Testosterone didn't budge on tesamorelin — expected?
97 posts
12 weeks of tesamorelin 2mg/day. Pulled labs week 0 and week 12.
- IGF-1: 198 -> 278 ng/mL (nice)
- Fasting glucose: 88 -> 95 (ok-ish)
- Visceral fat per DEXA: -14% (great)
- Total T: 612 -> 621 ng/dL (basically unchanged)
- Free T: 14.8 -> 15.1 pg/mL (unchanged)
- SHBG: 34 -> 36 (unchanged)
I'd sort of expected tesa to bump T at least modestly given the body comp improvement. Is that expectation wrong, or did my body just not respond that way?
- CJC-1295 no DAC · 100 mcg · pre-bed · sub-Q
- Ipamorelin · 200 mcg · pre-bed · sub-Q
- BPC-157 · 250 mcg · 2x/day · sub-Q
9 Replies
73 posts
Expectation is wrong — tesa is a GHRH analog, its effects are on GH/IGF-1 axis, not HPTA. Some people get a tiny T nudge from body comp changes but the effect is small and inconsistent. Your data looks textbook for a good tesa response: IGF-1 up, visceral fat down, T unchanged.
- BPC-157 · 500 mcg · 2x/day · sub-Q
- GHK-Cu · 2 mg · nightly topical · topical
212 posts
My T also didn't move on tesa. Free T was actually slightly lower at retest (small, probably noise). The fat loss gets attributed to better T in the fitness press but in reality it's the direct lipolytic effect of GH pulses on visceral adipose.
- CJC-1295 no DAC · 100 mcg · pre-bed · sub-Q
- Ipamorelin · 200 mcg · pre-bed · sub-Q
- BPC-157 · 500 mcg · 2x/day · sub-Q
97 posts
Makes sense. So anyone thinking tesa is going to shift their T numbers is probably barking up the wrong tree.

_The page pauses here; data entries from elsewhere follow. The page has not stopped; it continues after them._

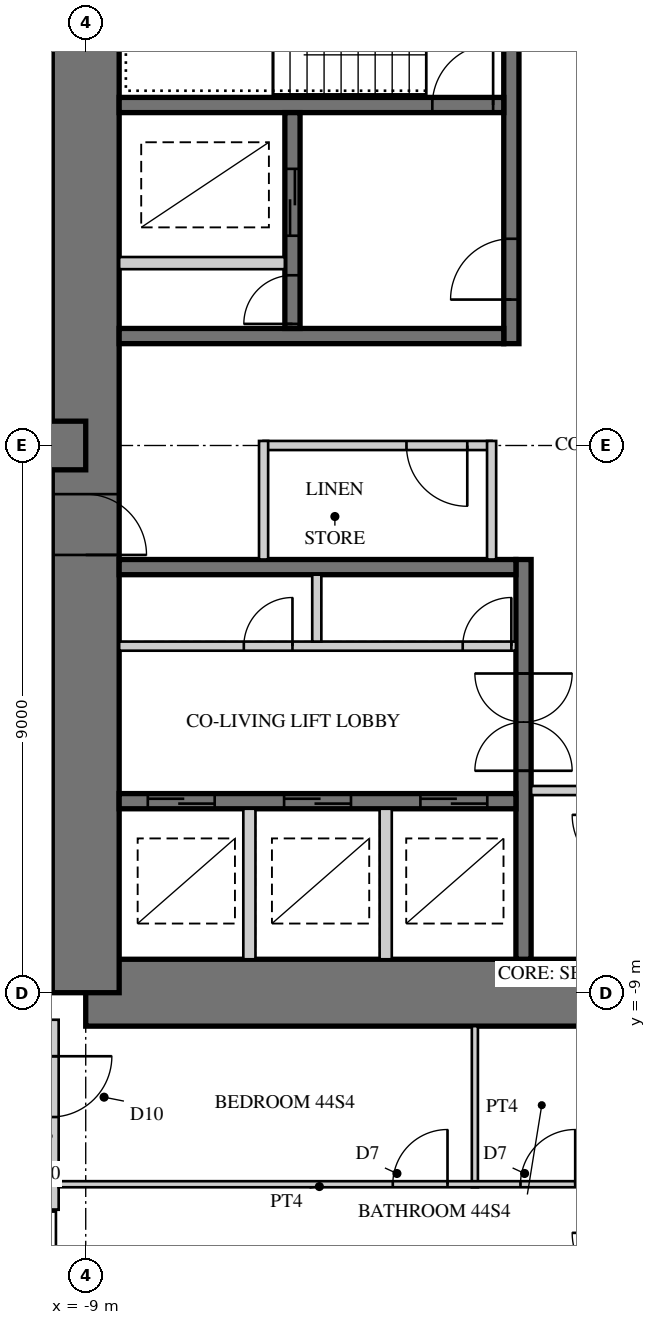
"""IFC4 building model, lengths in metres.
Left out: names, types, materials, properties, quantities, classifications, styles, units other than length and angle.
Written with IfcOpenShell. Run it as: python <this file> out.ifc"""

import sys

from ifc_helpers import new_model, si_unit, direction, frame, frame_2d, origin, place, context, subcontext, project, spatial, rectangle, hollow_rectangle, extrude, element, fill, save


model = new_model("IFC4")
c1 = context("Model", 3, precision=1e-05, world=origin(), true_north=direction((0.0, 1.0)))
c2 = subcontext(c1, "Body", "Model", "MODEL_VIEW")
j1 = project(units=[si_unit("LENGTHUNIT", "METRE"), si_unit("PLANEANGLEUNIT", "RADIAN")], contexts=[c1])
p1 = place(None, origin())
s1 = spatial("IfcSite", under=j1, at=p1, CompositionType="ELEMENT")
p2 = place(p1, origin())
s2 = spatial("IfcBuilding", under=s1, at=p2, CompositionType="ELEMENT")
p3 = place(p2, frame((0.0, 0.0, 179.7)))
s3 = spatial("IfcBuildingStorey", under=s2, at=p3, CompositionType="ELEMENT", Elevation=179.7)
p4 = place(p3, frame((-9.0, -9.0, 0.0), z_axis=(0.0, 0.0, 1.0), x_axis=(1.0, 0.0, 0.0)))
e1 = element("IfcWall", 1, at=p4, inside=s3, PredefinedType="SHEAR", context=c2, shape_type="SweptSolid", body=[
    extrude(rectangle(XDim=18.0, YDim=1.1, at=frame_2d((9.0, 0.0))), origin(), (0.0, 0.0, 1.0), 3.4),
])
p5 = place(p4, frame((9.8, 0.0, 0.0)))
e2 = element("IfcOpeningElement", 2, at=p5, cuts=e1, PredefinedType="OPENING", context=c2, shape_type="SweptSolid", body=[
    extrude(rectangle(XDim=1.0, YDim=2.4, at=frame_2d((0.5, 1.2))), frame((0.0, 0.56, 0.0), z_axis=(0.0, -1.0, 0.0), x_axis=(1.0, 0.0, 0.0)), (0.0, 0.0, 1.0), 1.12),
])
p6 = place(p3, frame((-9.0, 9.0, 0.0), z_axis=(0.0, 0.0, 1.0), x_axis=(0.0, -1.0, 0.0)))
e3 = element("IfcWall", 3, at=p6, inside=s3, PredefinedType="SHEAR", context=c2, shape_type="SweptSolid", body=[
    extrude(rectangle(XDim=18.0, YDim=1.1, at=frame_2d((9.0, 0.0))), origin(), (0.0, 0.0, 1.0), 3.4),
])
p7 = place(p6, frame((9.8, 0.0, 0.0)))
e4 = element("IfcOpeningElement", 4, at=p7, cuts=e3, PredefinedType="OPENING", context=c2, shape_type="SweptSolid", body=[
    extrude(rectangle(XDim=1.0, YDim=2.4, at=frame_2d((0.5, 1.2))), frame((0.0, 0.56, 0.0), z_axis=(0.0, -1.0, 0.0), x_axis=(1.0, 0.0, 0.0)), (0.0, 0.0, 1.0), 1.12),
])
p8 = place(p3, frame((-2.0, 1.675, 0.0), z_axis=(0.0, 0.0, 1.0), x_axis=(0.0, 1.0, 0.0)))
e5 = element("IfcWall", 5, at=p8, inside=s3, PredefinedType="SHEAR", context=c2, shape_type="SweptSolid", body=[
    extrude(rectangle(XDim=6.775, YDim=0.25, at=frame_2d((3.387, 0.0))), origin(), (0.0, 0.0, 1.0), 3.4),
])
p9 = place(p8, frame((0.725, 0.0, 0.0)))
e6 = element("IfcOpeningElement", 6, at=p9, cuts=e5, PredefinedType="OPENING", context=c2, shape_type="SweptSolid", body=[
    extrude(rectangle(XDim=1.0, YDim=2.1, at=frame_2d((0.5, 1.05))), frame((0.0, 0.135, 0.0), z_axis=(0.0, -1.0, 0.0), x_axis=(1.0, 0.0, 0.0)), (0.0, 0.0, 1.0), 0.27),
])
p10 = place(p3, frame((-2.125, 1.8, 0.0), z_axis=(0.0, 0.0, 1.0), x_axis=(-1.0, 0.0, 0.0)))
e7 = element("IfcWall", 7, at=p10, inside=s3, PredefinedType="SHEAR", context=c2, shape_type="SweptSolid", body=[
    extrude(rectangle(XDim=6.325, YDim=0.25, at=frame_2d((3.163, 0.0))), origin(), (0.0, 0.0, 1.0), 3.4),
])
p11 = place(p3, frame((-2.125, 5.6, 0.0), z_axis=(0.0, 0.0, 1.0), x_axis=(-1.0, 0.0, 0.0)))
e8 = element("IfcWall", 8, at=p11, inside=s3, PredefinedType="SHEAR", context=c2, shape_type="SweptSolid", body=[
    extrude(rectangle(XDim=6.325, YDim=0.25, at=frame_2d((3.163, 0.0))), origin(), (0.0, 0.0, 1.0), 3.4),
])
p12 = place(p11, frame((0.175, 0.0, 0.0)))
e9 = element("IfcOpeningElement", 9, at=p12, cuts=e8, PredefinedType="OPENING", context=c2, shape_type="SweptSolid", body=[
    extrude(rectangle(XDim=1.0, YDim=2.1, at=frame_2d((0.5, 1.05))), frame((0.0, 0.135, 0.0), z_axis=(0.0, -1.0, 0.0), x_axis=(1.0, 0.0, 0.0)), (0.0, 0.0, 1.0), 0.27),
])
p13 = place(p3, frame((-5.6, 1.925, 0.0), z_axis=(0.0, 0.0, 1.0), x_axis=(0.0, 1.0, 0.0)))
e10 = element("IfcWall", 10, at=p13, inside=s3, PredefinedType="SHEAR", context=c2, shape_type="SweptSolid", body=[
    extrude(rectangle(XDim=3.55, YDim=0.25, at=frame_2d((1.775, 0.0))), origin(), (0.0, 0.0, 1.0), 3.4),
])
p14 = place(p13, frame((1.525, 0.0, 0.0)))
e11 = element("IfcOpeningElement", 11, at=p14, cuts=e10, PredefinedType="OPENING", context=c2, shape_type="SweptSolid", body=[
    extrude(rectangle(XDim=1.1, YDim=2.2, at=frame_2d((0.55, 1.1))), frame((0.0, 0.135, 0.0), z_axis=(0.0, -1.0, 0.0), x_axis=(1.0, 0.0, 0.0)), (0.0, 0.0, 1.0), 0.27),
])
p15 = place(p13, frame((0.075, 0.0, 0.0)))
e12 = element("IfcOpeningElement", 12, at=p15, cuts=e10, PredefinedType="OPENING", context=c2, shape_type="SweptSolid", body=[
    extrude(rectangle(XDim=0.8, YDim=2.1, at=frame_2d((0.4, 1.05))), frame((0.0, 0.135, 0.0), z_axis=(0.0, -1.0, 0.0), x_axis=(1.0, 0.0, 0.0)), (0.0, 0.0, 1.0), 0.27),
])
p16 = place(p3, frame((-5.725, 3.0, 0.0), z_axis=(0.0, 0.0, 1.0), x_axis=(-1.0, 0.0, 0.0)))
e13 = element("IfcWall", 13, at=p16, inside=s3, PredefinedType="PARTITIONING", context=c2, shape_type="SweptSolid", body=[
    extrude(rectangle(XDim=2.725, YDim=0.2, at=frame_2d((1.362, 0.0))), origin(), (0.0, 0.0, 1.0), 3.4),
])
p17 = place(p3, frame((-1.8, -1.875, 0.0), z_axis=(0.0, 0.0, 1.0), x_axis=(0.0, -1.0, 0.0)))
e14 = element("IfcWall", 14, at=p17, inside=s3, PredefinedType="SHEAR", context=c2, shape_type="SweptSolid", body=[
    extrude(rectangle(XDim=6.575, YDim=0.25, at=frame_2d((3.288, 0.0))), origin(), (0.0, 0.0, 1.0), 3.4),
])
p18 = place(p17, frame((1.875, 0.0, 0.0)))
e15 = element("IfcOpeningElement", 15, at=p18, cuts=e14, PredefinedType="OPENING", context=c2, shape_type="SweptSolid", body=[
    extrude(rectangle(XDim=1.6, YDim=2.4, at=frame_2d((0.8, 1.2))), frame((0.0, 0.135, 0.0), z_axis=(0.0, -1.0, 0.0), x_axis=(1.0, 0.0, 0.0)), (0.0, 0.0, 1.0), 0.27),
])
p19 = place(p3, frame((-1.925, -2.0, 0.0), z_axis=(0.0, 0.0, 1.0), x_axis=(-1.0, 0.0, 0.0)))
e16 = element("IfcWall", 16, at=p19, inside=s3, PredefinedType="SHEAR", context=c2, shape_type="SweptSolid", body=[
    extrude(rectangle(XDim=6.525, YDim=0.25, at=frame_2d((3.262, 0.0))), origin(), (0.0, 0.0, 1.0), 3.4),
])
p20 = place(p3, frame((-1.925, -5.85, 0.0), z_axis=(0.0, 0.0, 1.0), x_axis=(-1.0, 0.0, 0.0)))
e17 = element("IfcWall", 17, at=p20, inside=s3, PredefinedType="SHEAR", context=c2, shape_type="SweptSolid", body=[
    extrude(rectangle(XDim=6.525, YDim=0.25, at=frame_2d((3.262, 0.0))), origin(), (0.0, 0.0, 1.0), 3.4),
])
p21 = place(p20, frame((0.471, 0.0, 0.0)))
e18 = element("IfcOpeningElement", 18, at=p21, cuts=e17, PredefinedType="OPENING", context=c2, shape_type="SweptSolid", body=[
    extrude(rectangle(XDim=1.1, YDim=2.2, at=frame_2d((0.55, 1.1))), frame((0.0, 0.135, 0.0), z_axis=(0.0, -1.0, 0.0), x_axis=(1.0, 0.0, 0.0)), (0.0, 0.0, 1.0), 0.27),
])
p22 = place(p20, frame((2.712, 0.0, 0.0)))
e19 = element("IfcOpeningElement", 19, at=p22, cuts=e17, PredefinedType="OPENING", context=c2, shape_type="SweptSolid", body=[
    extrude(rectangle(XDim=1.1, YDim=2.2, at=frame_2d((0.55, 1.1))), frame((0.0, 0.135, 0.0), z_axis=(0.0, -1.0, 0.0), x_axis=(1.0, 0.0, 0.0)), (0.0, 0.0, 1.0), 0.27),
])
p23 = place(p20, frame((4.954, 0.0, 0.0)))
e20 = element("IfcOpeningElement", 20, at=p23, cuts=e17, PredefinedType="OPENING", context=c2, shape_type="SweptSolid", body=[
    extrude(rectangle(XDim=1.1, YDim=2.2, at=frame_2d((0.55, 1.1))), frame((0.0, 0.135, 0.0), z_axis=(0.0, -1.0, 0.0), x_axis=(1.0, 0.0, 0.0)), (0.0, 0.0, 1.0), 0.27),
])
p24 = place(p3, frame((-1.925, -3.3, 0.0), z_axis=(0.0, 0.0, 1.0), x_axis=(-1.0, 0.0, 0.0)))
e21 = element("IfcWall", 21, at=p24, inside=s3, PredefinedType="PARTITIONING", context=c2, shape_type="SweptSolid", body=[
    extrude(rectangle(XDim=6.525, YDim=0.15, at=frame_2d((3.262, 0.0))), origin(), (0.0, 0.0, 1.0), 3.4),
])
p25 = place(p24, frame((0.075, 0.0, 0.0)))
e22 = element("IfcOpeningElement", 22, at=p25, cuts=e21, PredefinedType="OPENING", context=c2, shape_type="SweptSolid", body=[
    extrude(rectangle(XDim=0.8, YDim=2.1, at=frame_2d((0.4, 1.05))), frame((0.0, 0.085, 0.0), z_axis=(0.0, -1.0, 0.0), x_axis=(1.0, 0.0, 0.0)), (0.0, 0.0, 1.0), 0.17),
])
p26 = place(p24, frame((3.675, 0.0, 0.0)))
e23 = element("IfcOpeningElement", 23, at=p26, cuts=e21, PredefinedType="OPENING", context=c2, shape_type="SweptSolid", body=[
    extrude(rectangle(XDim=0.8, YDim=2.1, at=frame_2d((0.4, 1.05))), frame((0.0, 0.085, 0.0), z_axis=(0.0, -1.0, 0.0), x_axis=(1.0, 0.0, 0.0)), (0.0, 0.0, 1.0), 0.17),
])
p27 = place(p3, frame((-5.2, -2.125, 0.0), z_axis=(0.0, 0.0, 1.0), x_axis=(0.0, -1.0, 0.0)))
e24 = element("IfcWall", 24, at=p27, inside=s3, PredefinedType="PARTITIONING", context=c2, shape_type="SweptSolid", body=[
    extrude(rectangle(XDim=1.1, YDim=0.15, at=frame_2d((0.55, 0.0))), origin(), (0.0, 0.0, 1.0), 3.4),
])
for number, where, z_axis, x_axis in (
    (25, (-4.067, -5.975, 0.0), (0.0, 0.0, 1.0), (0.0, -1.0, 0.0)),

- CJC-1295 no DAC · 100 mcg · pre-bed · sub-Q
- Ipamorelin · 200 mcg · pre-bed · sub-Q
- BPC-157 · 250 mcg · 2x/day · sub-Q
51 posts
Right. For T-specific moves you're looking at clomid/enclomiphene, HCG, or actual TRT. Tesa is a body comp / IGF-1 tool, not an HPTA tool.
14 posts
Also — your IGF-1 response (198 -> 278) is a solid respondent profile. That matters more for the 'am I getting value from this' question than whether T moved.
117 posts
The tesamorelin HIV-lipodystrophy trials explicitly reported no meaningful testosterone changes. So your data is aligned with the published record.
32 posts
Yeah but those HIV trials were on lipodystrophic patients with genuinely broken metabolisms, so I'm not sure that data maps 1:1 to a healthy person's HPTA. That said, you're probably right that tesa just doesn't move T in any meaningful way. The real question is whether your IGF-1 bump actually translated to anything you could feel or see beyond the DEXA numbers, cause a 80 point jump sounds nice on paper but that doesn't always mean much in practice.
45 posts
Honestly the IGF-1 bump is kind of whatever if you're not feeling it. 80 points sounds good until you realize most of that could just be from the body comp improvement alone, which means tesa might just be expensive GLP-1 with extra steps. The real test is whether you're getting better recovery, stronger in the gym, or actually leaning out faster than you would on diet + training. If the answer is "not really," then you're basically paying for a number on a lab sheet.